We started the session with a quick overview of the RFC that was posted on Monday per the 4 week deadline. There remain a number of things to be done before the RFC is in its final state, but due to the 4 week rule we posted the RFC in its current state as a snapshot of what we have.

Reference to xxxx

One place in the RFC has a blanked reference 'xxxx' to whatever is or will be the standard which will define the change management metadata. It is our intention not to replicate this information in this RFC since, at least for the change management aspects of the metadata in xxxx, we would want to defer to that (the spreadsheet which forms the current workings of xxxx also as it happens includes some provenance terms, so it is does not exclusively consist of the metadata which we want to defer to in this way).

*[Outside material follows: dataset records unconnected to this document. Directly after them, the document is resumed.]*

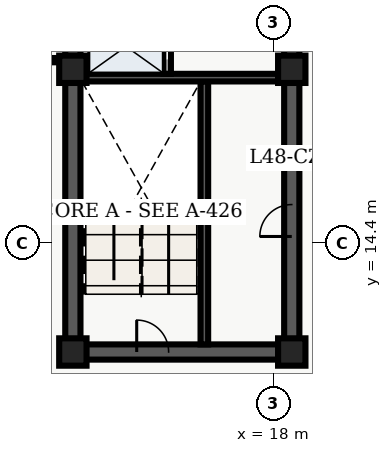
"""IFC4 building model, lengths in metres.
Left out: names, types, materials, properties, quantities, classifications, styles, units other than length and angle.
Written with IfcOpenShell. Run it as: python <this file> out.ifc"""

import sys

from ifc_helpers import new_model, entity, si_unit, converted_unit, direction, frame, origin_with_axes, origin_2d_with_axis, place, context, subcontext, project, spatial, polyline, rectangle, outline, extrude, element, fill, save


model = new_model("IFC4")
c1 = context("Model", 3, precision=1e-05, world=origin_with_axes(), true_north=direction((0.0, 1.0)))
c2 = subcontext(c1, "Body", "Model", "MODEL_VIEW")
j1 = project(units=[si_unit("LENGTHUNIT", "METRE"), converted_unit("PLANEANGLEUNIT", "DEGREE", entity("IfcPlaneAngleMeasure", 0.017), si_unit("PLANEANGLEUNIT", "RADIAN"), dimensions=[0, 0, 0, 0, 0, 0, 0])], contexts=[c1])
p1 = place(None, origin_with_axes())
s1 = spatial("IfcSite", under=j1, at=p1, CompositionType="ELEMENT")
p2 = place(p1, origin_with_axes())
s2 = spatial("IfcBuilding", under=s1, at=p2, CompositionType="ELEMENT")
p3 = place(p2, frame((0.0, 0.0, 196.5), z_axis=(0.0, 0.0, 1.0), x_axis=(1.0, 0.0, 0.0)))
s3 = spatial("IfcBuildingStorey", under=s2, at=p3, CompositionType="ELEMENT", Elevation=196.5)
p4 = place(p3, frame((11.4, 10.8, 0.0), z_axis=(0.0, 0.0, 1.0), x_axis=(0.0, 1.0, 0.0)))
e1 = element("IfcWall", 1, at=p4, inside=s3, PredefinedType="SHEAR", context=c2, shape_type="SweptSolid", body=[
    extrude(outline(polyline([(0.0, -0.25), (27.0, -0.25), (27.0, 0.25), (0.0, 0.25), (0.0, -0.25)])), origin_with_axes(), (0.0, 0.0, 1.0), 3.66),
])
p5 = place(p3, frame((11.4, 10.8, 0.0), z_axis=(0.0, 0.0, 1.0), x_axis=(1.0, 0.0, 0.0)))
e2 = element("IfcWall", 2, at=p5, inside=s3, PredefinedType="SHEAR", context=c2, shape_type="SweptSolid", body=[
    extrude(outline(polyline([(0.0, -0.25), (7.2, -0.25), (7.2, 0.25), (0.0, 0.25), (0.0, -0.25)])), origin_with_axes(), (0.0, 0.0, 1.0), 3.66),
])
p6 = place(p5, frame((2.625, 0.0, 0.0), z_axis=(0.0, 0.0, 1.0), x_axis=(1.0, 0.0, 0.0)))
e3 = element("IfcOpeningElement", 3, at=p6, cuts=e2, PredefinedType="OPENING", context=c2, shape_type="SweptSolid", body=[
    extrude(rectangle(XDim=1.05, YDim=0.52, at=origin_2d_with_axis()), origin_with_axes(), (0.0, 0.0, 1.0), 2.15),
])
p7 = place(p3, frame((18.6, 10.8, 0.0), z_axis=(0.0, 0.0, 1.0), x_axis=(0.0, 1.0, 0.0)))
e4 = element("IfcWall", 4, at=p7, inside=s3, PredefinedType="SHEAR", context=c2, shape_type="SweptSolid", body=[
    extrude(outline(polyline([(0.0, -0.25), (13.5, -0.25), (13.5, 0.25), (0.0, 0.25), (0.0, -0.25)])), origin_with_axes(), (0.0, 0.0, 1.0), 3.66),
])
p8 = place(p7, frame((11.125, 0.0, 0.0), z_axis=(0.0, 0.0, 1.0), x_axis=(1.0, 0.0, 0.0)))
e5 = element("IfcOpeningElement", 5, at=p8, cuts=e4, PredefinedType="OPENING", context=c2, shape_type="SweptSolid", body=[
    extrude(rectangle(XDim=1.05, YDim=0.52, at=origin_2d_with_axis()), origin_with_axes(), (0.0, 0.0, 1.0), 2.15),
])
p9 = place(p7, frame((4.325, 0.0, 0.0), z_axis=(0.0, 0.0, 1.0), x_axis=(1.0, 0.0, 0.0)))
e6 = element("IfcOpeningElement", 6, at=p9, cuts=e4, PredefinedType="OPENING", context=c2, shape_type="SweptSolid", body=[
    extrude(rectangle(XDim=1.05, YDim=0.52, at=origin_2d_with_axis()), origin_with_axes(), (0.0, 0.0, 1.0), 2.15),
])
p10 = place(p3, frame((15.725, 11.05, 0.0), z_axis=(0.0, 0.0, 1.0), x_axis=(0.0, 1.0, 0.0)))
e7 = element("IfcWall", 7, at=p10, inside=s3, PredefinedType="SHEAR", context=c2, shape_type="SweptSolid", body=[
    extrude(outline(polyline([(0.0, -0.125), (8.65, -0.125), (8.65, 0.125), (0.0, 0.125), (0.0, -0.125)])), origin_with_axes(), (0.0, 0.0, 1.0), 3.66),
])
p11 = place(p3, frame((11.65, 19.825, 0.0), z_axis=(0.0, 0.0, 1.0), x_axis=(1.0, 0.0, 0.0)))
e8 = element("IfcWall", 8, at=p11, inside=s3, PredefinedType="SHEAR", context=c2, shape_type="SweptSolid", body=[
    extrude(outline(polyline([(0.0, -0.125), (6.7, -0.125), (6.7, 0.125), (0.0, 0.125), (0.0, -0.125)])), origin_with_axes(), (0.0, 0.0, 1.0), 3.66),
])
p12 = place(p3, frame((14.5, 19.95, 0.0), z_axis=(0.0, 0.0, 1.0), x_axis=(0.0, 1.0, 0.0)))
e9 = element("IfcWall", 9, at=p12, inside=s3, PredefinedType="SOLIDWALL", context=c2, shape_type="SweptSolid", body=[
    extrude(outline(polyline([(0.0, -0.125), (6.25, -0.125), (6.25, 0.125), (0.0, 0.125), (0.0, -0.125)])), origin_with_axes(), (0.0, 0.0, 1.0), 2.7),
])
p13 = place(p12, frame((1.025, 0.0, 0.0), z_axis=(0.0, 0.0, 1.0), x_axis=(1.0, 0.0, 0.0)))
e10 = element("IfcOpeningElement", 10, at=p13, cuts=e9, PredefinedType="OPENING", context=c2, shape_type="SweptSolid", body=[
    extrude(rectangle(XDim=1.1, YDim=0.27, at=origin_2d_with_axis()), origin_with_axes(), (0.0, 0.0, 1.0), 2.15),
])
p14 = place(p12, frame((2.975, 0.0, 0.0), z_axis=(0.0, 0.0, 1.0), x_axis=(1.0, 0.0, 0.0)))
e11 = element("IfcOpeningElement", 11, at=p14, cuts=e9, PredefinedType="OPENING", context=c2, shape_type="SweptSolid", body=[
    extrude(rectangle(XDim=1.1, YDim=0.27, at=origin_2d_with_axis()), origin_with_axes(), (0.0, 0.0, 1.0), 2.15),
])
p15 = place(p12, frame((5.425, 0.0, 0.0), z_axis=(0.0, 0.0, 1.0), x_axis=(1.0, 0.0, 0.0)))
e12 = element("IfcOpeningElement", 12, at=p15, cuts=e9, PredefinedType="OPENING", context=c2, shape_type="SweptSolid", body=[
    extrude(rectangle(XDim=1.2, YDim=0.27, at=origin_2d_with_axis()), origin_with_axes(), (0.0, 0.0, 1.0), 2.15),
])
for number, where, z_axis, x_axis in (
    (13, (11.4, 10.8, 0.0), (0.0, 0.0, 1.0), (1.0, 0.0, 0.0)),
    (14, (11.4, 20.1, 0.0), (0.0, 0.0, 1.0), (1.0, 0.0, 0.0)),
    (15, (18.6, 10.8, 0.0), (0.0, 0.0, 1.0), (1.0, 0.0, 0.0)),
    (16, (18.6, 20.1, 0.0), (0.0, 0.0, 1.0), (1.0, 0.0, 0.0)),
):
    element("IfcColumn", number, at=place(p3, frame(where, z_axis=z_axis, x_axis=x_axis)), inside=s3, PredefinedType="COLUMN", context=c2, shape_type="SweptSolid", body=[
        extrude(rectangle(XDim=0.9, YDim=0.9, at=origin_2d_with_axis()), origin_with_axes(), (0.0, 0.0, 1.0), 3.9),
    ])
p16 = place(p3, frame((9.52, 20.4, 0.0), z_axis=(0.0, 0.0, 1.0), x_axis=(1.0, 0.0, 0.0)))
e17 = element("IfcWall", 17, at=p16, inside=s3, PredefinedType="PARTITIONING", context=c2, shape_type="SweptSolid", body=[
    extrude(outline(polyline([(0.0, -0.07), (1.58, -0.07), (1.58, 0.07), (0.0, 0.07), (0.0, -0.07)])), origin_with_axes(), (0.0, 0.0, 1.0), 2.7),
])
p17 = place(p12, frame((1.025, 0.0, 0.0), z_axis=(0.0, 0.0, 1.0), x_axis=(1.0, 0.0, 0.0)))
e18 = element("IfcDoor", 18, at=p17, inside=s3, OperationType="SLIDING_TO_LEFT", PredefinedType="DOOR", context=c2, shape_type="SweptSolid", body=[
    extrude(rectangle(XDim=1.1, YDim=0.09, at=origin_2d_with_axis()), origin_with_axes(), (0.0, 0.0, 1.0), 2.15),
])
fill(e10, e18)
p18 = place(p5, frame((2.625, 0.0, 0.0), z_axis=(0.0, 0.0, 1.0), x_axis=(1.0, 0.0, 0.0)))
e19 = element("IfcDoor", 19, at=p18, inside=s3, OperationType="SINGLE_SWING_LEFT", PredefinedType="DOOR", context=c2, shape_type="SweptSolid", body=[
    extrude(rectangle(XDim=1.05, YDim=0.09, at=origin_2d_with_axis()), origin_with_axes(), (0.0, 0.0, 1.0), 2.15),
])
fill(e3, e19)
p19 = place(p7, frame((4.325, 0.0, 0.0), z_axis=(0.0, 0.0, 1.0), x_axis=(1.0, 0.0, 0.0)))
e20 = element("IfcDoor", 20, at=p19, inside=s3, OperationType="SINGLE_SWING_LEFT", PredefinedType="DOOR", context=c2, shape_type="SweptSolid", body=[
    extrude(rectangle(XDim=1.05, YDim=0.09, at=origin_2d_with_axis()), origin_with_axes(), (0.0, 0.0, 1.0), 2.15),
])
fill(e6, e20)
save(model, sys.argv[1])
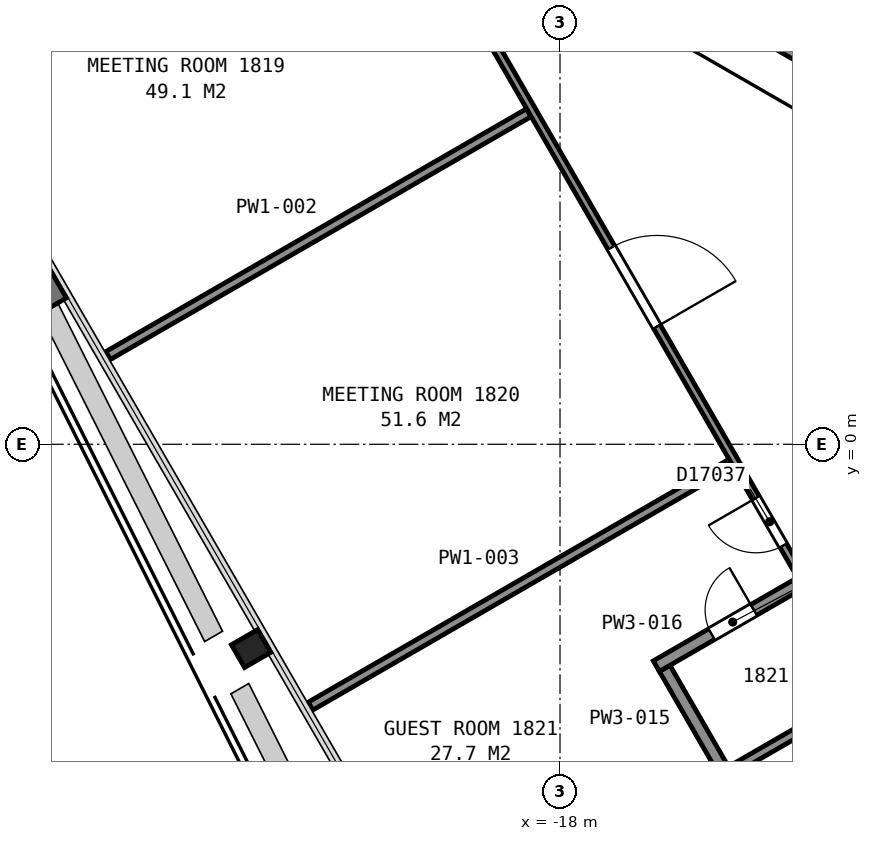
"""IFC4 building model, lengths in metres.
Left out: names, types, materials, properties, quantities, classifications, styles, units other than length and angle.
Written with IfcOpenShell. Run it as: python <this file> out.ifc"""

import sys

from ifc_helpers import new_model, si_unit, direction, frame, frame_2d, origin, origin_2d, place, context, subcontext, project, spatial, rectangle, i_section, extrude, element, fill, save


model = new_model("IFC4")
c1 = context("Model", 3, precision=1e-05, world=origin(), true_north=direction((0.0, 1.0)))
c2 = subcontext(c1, "Body", "Model", "MODEL_VIEW")
j1 = project(units=[si_unit("LENGTHUNIT", "METRE"), si_unit("PLANEANGLEUNIT", "RADIAN")], contexts=[c1])
p1 = place(None, origin())
s1 = spatial("IfcSite", under=j1, at=p1, CompositionType="ELEMENT")
p2 = place(p1, origin())
s2 = spatial("IfcBuilding", under=s1, at=p2, CompositionType="ELEMENT")
p3 = place(p2, frame((0.0, 0.0, 80.0)))
s3 = spatial("IfcBuildingStorey", under=s2, at=p3, CompositionType="ELEMENT", Elevation=80.0)
p4 = place(p3, frame((-23.08, -3.36, 0.0), z_axis=(0.0, 0.0, 1.0), x_axis=(-0.5, 0.866025403784, 0.0)))
e1 = element("IfcColumn", 1, at=p4, inside=s3, PredefinedType="COLUMN", context=c2, shape_type="SweptSolid", body=[
    extrude(i_section(OverallWidth=0.432, OverallDepth=0.498, WebThickness=0.056, FlangeThickness=0.089, FilletRadius=0.015, at=origin_2d()), origin(), (0.0, 0.0, 1.0), 3.6),
])
for number, where, z_axis, x_axis in (
    (2, (-7.678, 2.701, 0.0), (0.0, 0.0, 1.0), (-0.866, 0.5, 0.0)),
    (3, (-6.178, 5.299, 0.0), (0.0, 0.0, 1.0), (-0.866, 0.5, 0.0)),
):
    element("IfcWall", number, at=place(p3, frame(where, z_axis=z_axis, x_axis=x_axis)), inside=s3, PredefinedType="PARTITIONING", context=c2, shape_type="SweptSolid", body=[
        extrude(rectangle(XDim=12.0, YDim=0.2, at=frame_2d((6.0, 0.0))), origin(), (0.0, 0.0, 1.0), 3.35),
    ])
p5 = place(p3, frame((-25.432, 1.459, 0.0), z_axis=(0.0, 0.0, 1.0), x_axis=(0.866052736899, 0.499952654668, 0.0)))
e4 = element("IfcWall", 4, at=p5, inside=s3, PredefinedType="PARTITIONING", context=c2, shape_type="SweptSolid", body=[
    extrude(rectangle(XDim=7.987, YDim=0.15, at=frame_2d((3.994, 0.0))), origin(), (0.0, 0.0, 1.0), 2.613),
])
p6 = place(p3, frame((-22.103, -4.306, 0.0), z_axis=(0.0, 0.0, 1.0), x_axis=(0.866016576429, 0.500015289116, 0.0)))
e5 = element("IfcWall", 5, at=p6, inside=s3, PredefinedType="PARTITIONING", context=c2, shape_type="SweptSolid", body=[
    extrude(rectangle(XDim=7.987, YDim=0.15, at=frame_2d((3.993, 0.0))), origin(), (0.0, 0.0, 1.0), 2.613),
])
p7 = place(p3, frame((-19.916, -8.095, 0.0), z_axis=(0.0, 0.0, 1.0), x_axis=(0.865953574939, 0.500124390578, 0.0)))
e6 = element("IfcWall", 6, at=p7, inside=s3, PredefinedType="PARTITIONING", context=c2, shape_type="SweptSolid", body=[
    extrude(rectangle(XDim=7.992, YDim=0.15, at=frame_2d((3.996, 0.0))), origin(), (0.0, 0.0, 1.0), 2.613),
])
p8 = place(p3, frame((-3.766, -19.958, 0.0), z_axis=(0.0, 0.0, 1.0), x_axis=(-0.50002170027, 0.866012874765, 0.0)))
e7 = element("IfcWall", 7, at=p8, inside=s3, PredefinedType="PARTITIONING", context=c2, shape_type="SweptSolid", body=[
    extrude(rectangle(XDim=31.379, YDim=0.125, at=frame_2d((15.69, 0.0))), origin(), (0.0, 0.0, 1.0), 2.613),
])
p9 = place(p8, frame((25.28, 0.0, 0.0)))
e8 = element("IfcOpeningElement", 8, at=p9, cuts=e7, PredefinedType="OPENING", context=c2, shape_type="SweptSolid", body=[
    extrude(rectangle(XDim=1.5, YDim=2.1, at=frame_2d((0.75, 1.05))), frame((0.0, 0.073, 0.0), z_axis=(0.0, -1.0, 0.0), x_axis=(1.0, 0.0, 0.0)), (0.0, 0.0, 1.0), 0.145),
])
p10 = place(p8, frame((21.124, 0.0, 0.0)))
e9 = element("IfcOpeningElement", 9, at=p10, cuts=e7, PredefinedType="OPENING", context=c2, shape_type="SweptSolid", body=[
    extrude(rectangle(XDim=0.9, YDim=2.1, at=frame_2d((0.45, 1.05))), frame((0.0, 0.073, 0.0), z_axis=(0.0, -1.0, 0.0), x_axis=(1.0, 0.0, 0.0)), (0.0, 0.0, 1.0), 0.145),
])
p11 = place(p8, frame((14.349, 0.0, 0.0)))
e10 = element("IfcOpeningElement", 10, at=p11, cuts=e7, PredefinedType="OPENING", context=c2, shape_type="SweptSolid", body=[
    extrude(rectangle(XDim=0.9, YDim=2.1, at=frame_2d((0.45, 1.05))), frame((0.0, 0.073, 0.0), z_axis=(0.0, -1.0, 0.0), x_axis=(1.0, 0.0, 0.0)), (0.0, 0.0, 1.0), 0.145),
])
p12 = place(p8, frame((11.804, 0.0, 0.0)))
e11 = element("IfcOpeningElement", 11, at=p12, cuts=e7, PredefinedType="OPENING", context=c2, shape_type="SweptSolid", body=[
    extrude(rectangle(XDim=0.9, YDim=2.1, at=frame_2d((0.45, 1.05))), frame((0.0, 0.073, 0.0), z_axis=(0.0, -1.0, 0.0), x_axis=(1.0, 0.0, 0.0)), (0.0, 0.0, 1.0), 0.145),
])
p13 = place(p8, frame((5.33, 0.0, 0.0)))
e12 = element("IfcOpeningElement", 12, at=p13, cuts=e7, PredefinedType="OPENING", context=c2, shape_type="SweptSolid", body=[
    extrude(rectangle(XDim=0.9, YDim=2.1, at=frame_2d((0.45, 1.05))), frame((0.0, 0.073, 0.0), z_axis=(0.0, -1.0, 0.0), x_axis=(1.0, 0.0, 0.0)), (0.0, 0.0, 1.0), 0.145),
])
p14 = place(p8, frame((2.906, 0.0, 0.0)))
e13 = element("IfcOpeningElement", 13, at=p14, cuts=e7, PredefinedType="OPENING", context=c2, shape_type="SweptSolid", body=[
    extrude(rectangle(XDim=1.0, YDim=2.1, at=frame_2d((0.5, 1.05))), frame((0.0, 0.073, 0.0), z_axis=(0.0, -1.0, 0.0), x_axis=(1.0, 0.0, 0.0)), (0.0, 0.0, 1.0), 0.145),
])
p15 = place(p3, frame((-16.279, -3.686, 0.0), z_axis=(0.0, 0.0, 1.0), x_axis=(0.500190942922, -0.865915134767, 0.0)))
e14 = element("IfcWall", 14, at=p15, inside=s3, PredefinedType="PARTITIONING", context=c2, shape_type="SweptSolid", body=[
    extrude(rectangle(XDim=1.925, YDim=0.2, at=frame_2d((0.962, 0.0))), origin(), (0.0, 0.0, 1.0), 2.613),
])
p16 = place(p3, frame((-14.045, -2.28, 0.0), z_axis=(0.0, 0.0, 1.0), x_axis=(-0.866005850709, -0.50003386539, 0.0)))
e15 = element("IfcWall", 15, at=p16, inside=s3, PredefinedType="PARTITIONING", context=c2, shape_type="SweptSolid", body=[
    extrude(rectangle(XDim=2.737, YDim=0.2, at=frame_2d((1.369, 0.0))), origin(), (0.0, 0.0, 1.0), 2.613),
])
p17 = place(p16, frame((0.887, 0.0, 0.0)))
e16 = element("IfcOpeningElement", 16, at=p17, cuts=e15, PredefinedType="OPENING", context=c2, shape_type="SweptSolid", body=[
    extrude(rectangle(XDim=0.8, YDim=2.1, at=frame_2d((0.4, 1.05))), frame((0.0, 0.11, 0.0), z_axis=(0.0, -1.0, 0.0), x_axis=(1.0, 0.0, 0.0)), (0.0, 0.0, 1.0), 0.22),
])
p18 = place(p9, origin())
e17 = element("IfcDoor", 17, at=p18, inside=s3, OperationType="DOUBLE_DOOR_SINGLE_SWING", PredefinedType="DOOR", context=c2, shape_type="SweptSolid", body=[
    extrude(rectangle(XDim=1.5, YDim=2.1, at=frame_2d((0.75, 1.05))), frame((0.0, 0.025, 0.0), z_axis=(0.0, -1.0, 0.0), x_axis=(1.0, 0.0, 0.0)), (0.0, 0.0, 1.0), 0.05),
])
fill(e8, e17)
p19 = place(p10, origin())
e18 = element("IfcDoor", 18, at=p19, inside=s3, OperationType="SINGLE_SWING_RIGHT", PredefinedType="DOOR", context=c2, shape_type="SweptSolid", body=[
    extrude(rectangle(XDim=0.9, YDim=2.1, at=frame_2d((0.45, 1.05))), frame((0.0, 0.025, 0.0), z_axis=(0.0, -1.0, 0.0), x_axis=(1.0, 0.0, 0.0)), (0.0, 0.0, 1.0), 0.05),
])
fill(e9, e18)
p20 = place(p17, origin())
e19 = element("IfcDoor", 19, at=p20, inside=s3, OperationType="SINGLE_SWING_LEFT", PredefinedType="DOOR", context=c2, shape_type="SweptSolid", body=[
    extrude(rectangle(XDim=0.8, YDim=2.1, at=frame_2d((0.4, 1.05))), frame((0.0, 0.025, 0.0), z_axis=(0.0, -1.0, 0.0), x_axis=(1.0, 0.0, 0.0)), (0.0, 0.0, 1.0), 0.05),
])
fill(e16, e19)
save(model, sys.argv[1])

The question is, what should be the reference for xxxx and how soon will we know what it is and be able to put the formal reference in the RFC text?

Response:

The xxxx will be an “AB Recommendation” so the reference xxxx should be referring to that. This will be an AB document or specification and will have an OMG document number.

That is, this will not be a standard, RFP or RFC as MB had assumed.

Shared Semantics

XBRL Abstract Model

In the section of this draft RFC that refers to Shared Semantics, we have treatments for each of a number of scenarios for referencing the original ontologies or standards on which we have tried to ground the semantics of terms in the “Global Terms” section of the model. One such treatment is for XBRL terms, and this is one area where the draft specification is necessarily incomplete as we only started to look at that last week.

Comments:

At the moment this XBRL Abstract Model is available as a UML model. There is a Public Working Draft. Link supplied by email:

http://xbrl.org/Specification/abstractmodel-primary/PWD-2011-10-19/abstractmodel-primary-PWD-2011-10-19.html

SKOS Match

One of the reference mechanisms which we have had to “freeze” our latest thinking in the RFC draft is the treatment of UML models, and in particular the use of SKOS Match. This has been a recommendation that came out of several of these sessions (see minutes) but there was some discussion again today as to whether we really want to or should use this. MB reiterated that the decisions of this nature are decisions of this Workstream group and the aim of the RFC is to agree and then formalize what the best minds on this group can come up with.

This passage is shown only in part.